As i said, it did the jobs I asked of it. But I wanted something that made it nicer to spend time in the shop. Clean and shiny also usually inspires me to keep something that way and dirty and beat up usually means I end up leaving it that way. 

Not great for something like a Lathe that uses a total loss oiling system and has multiple exposed precision surfaces. So I tore it apart, painted what needed to be painted, polished what didn't need paint and am now in the middle of putting it back together.

Pics:











The color is a Rust-oleum metallic Turquoise. I think I must have bought the last 10 cans in Nova Scotia.
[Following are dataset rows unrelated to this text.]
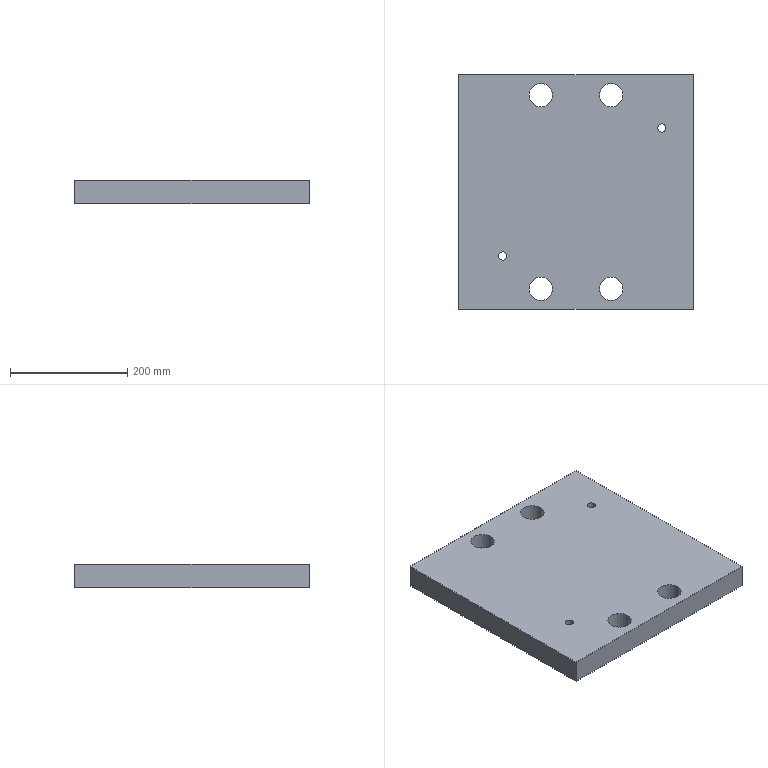Component | NX | LOCATING_BASE_PLATE | 1 solid | 12 faces | box 400 x 400 x 40 mm | volume 6186623 mm3 | plane 6 | cylinder 6 | commonest cylinder face diameters 40 x4 14 x2
STEP:
#1=CARTESIAN_POINT('',(0.,0.,0.));
#2=DIRECTION('',(0.,0.,1.));
#3=DIRECTION('',(1.,0.,0.));
#4=AXIS2_PLACEMENT_3D('',#1,#2,#3);
#5=CARTESIAN_POINT('',(-40.,165.,90.));
#6=VERTEX_POINT('',#5);
#7=CARTESIAN_POINT('',(-60.,165.,90.));
#8=DIRECTION('',(0.,0.,-1.));
#9=DIRECTION('',(1.,0.,0.));
#10=AXIS2_PLACEMENT_3D('',#7,#8,#9);
#11=CIRCLE('',#10,20.);
#12=CARTESIAN_POINT('',(0.,-0.,90.));
#13=DIRECTION('',(0.,0.,1.));
#14=DIRECTION('',(1.,0.,0.));
#15=AXIS2_PLACEMENT_3D('',#12,#13,#14);
#16=PLANE('',#15);
#17=CARTESIAN_POINT('',(-40.,165.));
#18=CARTESIAN_POINT('',(-40.,130.359));
#19=CARTESIAN_POINT('',(-70.,147.679));
#20=CARTESIAN_POINT('',(-100.,165.));
#21=CARTESIAN_POINT('',(-70.,182.321));
#22=CARTESIAN_POINT('',(-40.,199.641));
#23=CARTESIAN_POINT('',(-40.,165.));
#24=(BOUNDED_CURVE()B_SPLINE_CURVE(2,(#17,#18,#19,#20,#21,#22,#23),.UNSPECIFIED.,.T.,.F.)B_SPLINE_CURVE_WITH_KNOTS((1,2,2,2,2,1),(-2.094,0.,2.094,4.189,6.283,8.378),.UNSPECIFIED.)CURVE()GEOMETRIC_REPRESENTATION_ITEM()RATIONAL_B_SPLINE_CURVE((1.,0.5,1.,0.5,1.,0.5,1.))REPRESENTATION_ITEM(''));
#25=(GEOMETRIC_REPRESENTATION_CONTEXT(2)PARAMETRIC_REPRESENTATION_CONTEXT()REPRESENTATION_CONTEXT('',''));
#26=DEFINITIONAL_REPRESENTATION('',(#24),#25);
#27=PCURVE('',#16,#26);
#28=CARTESIAN_POINT('',(-60.,165.,40.));
#29=DIRECTION('',(0.,0.,1.));
#30=DIRECTION('',(1.,0.,0.));
#31=AXIS2_PLACEMENT_3D('',#28,#29,#30);
#32=CYLINDRICAL_SURFACE('',#31,20.);
#33=CARTESIAN_POINT('',(6.283,50.));
#34=DIRECTION('',(-1.,0.));
#35=VECTOR('',#34,1.);
#36=LINE('',#33,#35);
#37=(GEOMETRIC_REPRESENTATION_CONTEXT(2)PARAMETRIC_REPRESENTATION_CONTEXT()REPRESENTATION_CONTEXT('',''));
#38=DEFINITIONAL_REPRESENTATION('',(#36),#37);
#39=PCURVE('',#32,#38);
#40=SURFACE_CURVE('',#11,(#27,#39),.PCURVE_S1.);
#41=EDGE_CURVE('',#6,#6,#40,.T.);
#42=ORIENTED_EDGE('',*,*,#41,.T.);
#43=EDGE_LOOP('',(#42));
#44=FACE_BOUND('',#43,.T.);
#45=CARTESIAN_POINT('',(40.,165.,90.));
#46=VERTEX_POINT('',#45);
#47=CARTESIAN_POINT('',(80.,165.,90.));
#48=VERTEX_POINT('',#47);
#49=CARTESIAN_POINT('',(60.,165.,90.));
#50=DIRECTION('',(0.,0.,1.));
#51=DIRECTION('',(-1.,0.,0.));
#52=AXIS2_PLACEMENT_3D('',#49,#50,#51);
#53=CIRCLE('',#52,20.);
#54=CARTESIAN_POINT('',(60.,165.));
#55=DIRECTION('',(-1.,0.));
#56=AXIS2_PLACEMENT_2D('',#54,#55);
#57=CIRCLE('',#56,20.);
#58=(GEOMETRIC_REPRESENTATION_CONTEXT(2)PARAMETRIC_REPRESENTATION_CONTEXT()REPRESENTATION_CONTEXT('',''));
#59=DEFINITIONAL_REPRESENTATION('',(#57),#58);
#60=PCURVE('',#16,#59);
#61=CARTESIAN_POINT('',(60.,165.,40.));
#62=DIRECTION('',(0.,0.,1.));
#63=DIRECTION('',(1.,0.,0.));
#64=AXIS2_PLACEMENT_3D('',#61,#62,#63);
#65=CYLINDRICAL_SURFACE('',#64,20.);
#66=CARTESIAN_POINT('',(3.142,50.));
#67=DIRECTION('',(1.,0.));
#68=VECTOR('',#67,1.);
#69=LINE('',#66,#68);
#70=(GEOMETRIC_REPRESENTATION_CONTEXT(2)PARAMETRIC_REPRESENTATION_CONTEXT()REPRESENTATION_CONTEXT('',''));
#71=DEFINITIONAL_REPRESENTATION('',(#69),#70);
#72=PCURVE('',#65,#71);
#73=SURFACE_CURVE('',#53,(#60,#72),.PCURVE_S1.);
#74=EDGE_CURVE('',#46,#48,#73,.T.);
#75=ORIENTED_EDGE('',*,*,#74,.F.);
#76=CARTESIAN_POINT('',(60.,165.,90.));
#77=DIRECTION('',(0.,0.,1.));
#78=DIRECTION('',(-1.,0.,0.));
#79=AXIS2_PLACEMENT_3D('',#76,#77,#78);
#80=CIRCLE('',#79,20.);
#81=CARTESIAN_POINT('',(60.,165.));
#82=DIRECTION('',(-1.,0.));
#83=AXIS2_PLACEMENT_2D('',#81,#82);
#84=CIRCLE('',#83,20.);
#85=(GEOMETRIC_REPRESENTATION_CONTEXT(2)PARAMETRIC_REPRESENTATION_CONTEXT()REPRESENTATION_CONTEXT('',''));
#86=DEFINITIONAL_REPRESENTATION('',(#84),#85);
#87=PCURVE('',#16,#86);
#88=CARTESIAN_POINT('',(-3.142,50.));
#89=DIRECTION('',(1.,0.));
#90=VECTOR('',#89,1.);
#91=LINE('',#88,#90);
#92=(GEOMETRIC_REPRESENTATION_CONTEXT(2)PARAMETRIC_REPRESENTATION_CONTEXT()REPRESENTATION_CONTEXT('',''));
#93=DEFINITIONAL_REPRESENTATION('',(#91),#92);
#94=PCURVE('',#65,#93);
#95=SURFACE_CURVE('',#80,(#87,#94),.PCURVE_S1.);
#96=EDGE_CURVE('',#48,#46,#95,.T.);
#97=ORIENTED_EDGE('',*,*,#96,.F.);
#98=EDGE_LOOP('',(#75,#97));
#99=FACE_BOUND('',#98,.T.);
#100=CARTESIAN_POINT('',(153.,109.,90.));
#101=VERTEX_POINT('',#100);
#102=CARTESIAN_POINT('',(146.,109.,90.));
#103=DIRECTION('',(0.,0.,1.));
#104=DIRECTION('',(1.,0.,0.));
#105=AXIS2_PLACEMENT_3D('',#102,#103,#104);
#106=CIRCLE('',#105,7.);
#107=CARTESIAN_POINT('',(146.,109.));
#108=DIRECTION('',(1.,0.));
#109=AXIS2_PLACEMENT_2D('',#107,#108);
#110=CIRCLE('',#109,7.);
#111=(GEOMETRIC_REPRESENTATION_CONTEXT(2)PARAMETRIC_REPRESENTATION_CONTEXT()REPRESENTATION_CONTEXT('',''));
#112=DEFINITIONAL_REPRESENTATION('',(#110),#111);
#113=PCURVE('',#16,#112);
#114=CARTESIAN_POINT('',(146.,109.,50.));
#115=DIRECTION('',(0.,0.,1.));
#116=DIRECTION('',(1.,0.,0.));
#117=AXIS2_PLACEMENT_3D('',#114,#115,#116);
#118=CYLINDRICAL_SURFACE('',#117,7.);
#119=CARTESIAN_POINT('',(0.,40.));
#120=DIRECTION('',(1.,0.));
#121=VECTOR('',#120,1.);
#122=LINE('',#119,#121);
#123=(GEOMETRIC_REPRESENTATION_CONTEXT(2)PARAMETRIC_REPRESENTATION_CONTEXT()REPRESENTATION_CONTEXT('',''));
#124=DEFINITIONAL_REPRESENTATION('',(#122),#123);
#125=PCURVE('',#118,#124);
#126=SURFACE_CURVE('',#106,(#113,#125),.PCURVE_S1.);
#127=EDGE_CURVE('',#101,#101,#126,.T.);
#128=ORIENTED_EDGE('',*,*,#127,.F.);
#129=EDGE_LOOP('',(#128));
#130=FACE_BOUND('',#129,.T.);
#131=CARTESIAN_POINT('',(-118.,-109.,90.));
#132=VERTEX_POINT('',#131);
#133=CARTESIAN_POINT('',(-125.,-109.,90.));
#134=DIRECTION('',(0.,0.,1.));
#135=DIRECTION('',(1.,0.,0.));
#136=AXIS2_PLACEMENT_3D('',#133,#134,#135);
#137=CIRCLE('',#136,7.);
#138=CARTESIAN_POINT('',(-125.,-109.));
#139=DIRECTION('',(1.,0.));
#140=AXIS2_PLACEMENT_2D('',#138,#139);
#141=CIRCLE('',#140,7.);
#142=(GEOMETRIC_REPRESENTATION_CONTEXT(2)PARAMETRIC_REPRESENTATION_CONTEXT()REPRESENTATION_CONTEXT('',''));
#143=DEFINITIONAL_REPRESENTATION('',(#141),#142);
#144=PCURVE('',#16,#143);
#145=CARTESIAN_POINT('',(-125.,-109.,50.));
#146=DIRECTION('',(0.,0.,1.));
#147=DIRECTION('',(1.,0.,0.));
#148=AXIS2_PLACEMENT_3D('',#145,#146,#147);
#149=CYLINDRICAL_SURFACE('',#148,7.);
#150=CARTESIAN_POINT('',(0.,40.));
#151=DIRECTION('',(1.,0.));
#152=VECTOR('',#151,1.);
#153=LINE('',#150,#152);
#154=(GEOMETRIC_REPRESENTATION_CONTEXT(2)PARAMETRIC_REPRESENTATION_CONTEXT()REPRESENTATION_CONTEXT('',''));
#155=DEFINITIONAL_REPRESENTATION('',(#153),#154);
#156=PCURVE('',#149,#155);
#157=SURFACE_CURVE('',#137,(#144,#156),.PCURVE_S1.);
#158=EDGE_CURVE('',#132,#132,#157,.T.);
#159=ORIENTED_EDGE('',*,*,#158,.F.);
#160=EDGE_LOOP('',(#159));
#161=FACE_BOUND('',#160,.T.);
#162=CARTESIAN_POINT('',(-200.,200.,90.));
#163=VERTEX_POINT('',#162);
#164=CARTESIAN_POINT('',(-200.,-200.,90.));
#165=VERTEX_POINT('',#164);
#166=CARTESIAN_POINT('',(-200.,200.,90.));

Every store I found a can or two at was either out of stock, had discontinued it or told me most paint suppliers are so far behind filling orders they are concentrating on their big sellers and specialty paints are either being discontinued or are so far back ordered they may never show up. That's why I went on walkabout and checked a couple dozen hardware stores, scooping up whatever I found. I knew that if it was discontinued, I wanted enough on the shelf to finish and a couple cans left over for touch-ups later down the road.

Soon to be back together and throwing chips.....


----------



## YYCHM (Aug 10, 2022)

Well Done!  Looks GOOD.


----------



## David_R8 (Aug 10, 2022)

Hey, I've seen that lathe before


----------



## tourmax (Aug 10, 2022)

David_R8 said:


> Hey, I've seen that lathe before


Maybe, I'm also on "hobbymachinist"...


----------



## YotaBota (Aug 10, 2022)

Nice, did you get the change gears with it? Is that the original dauber?


----------



## tourmax (Aug 10, 2022)

YotaBota said:


> Nice, did you get the change gears with it? Is that the original dauber?


Yes and yes. The lathe was pretty much neglected, but neglected in the sense it had been pushed aside and forgotten. That black stuff you see on horizontal surfaces in the first pic is actually multiple years of chicken "dirt".....

 It was essentially complete, at least as Atlas made it back in '52...


----------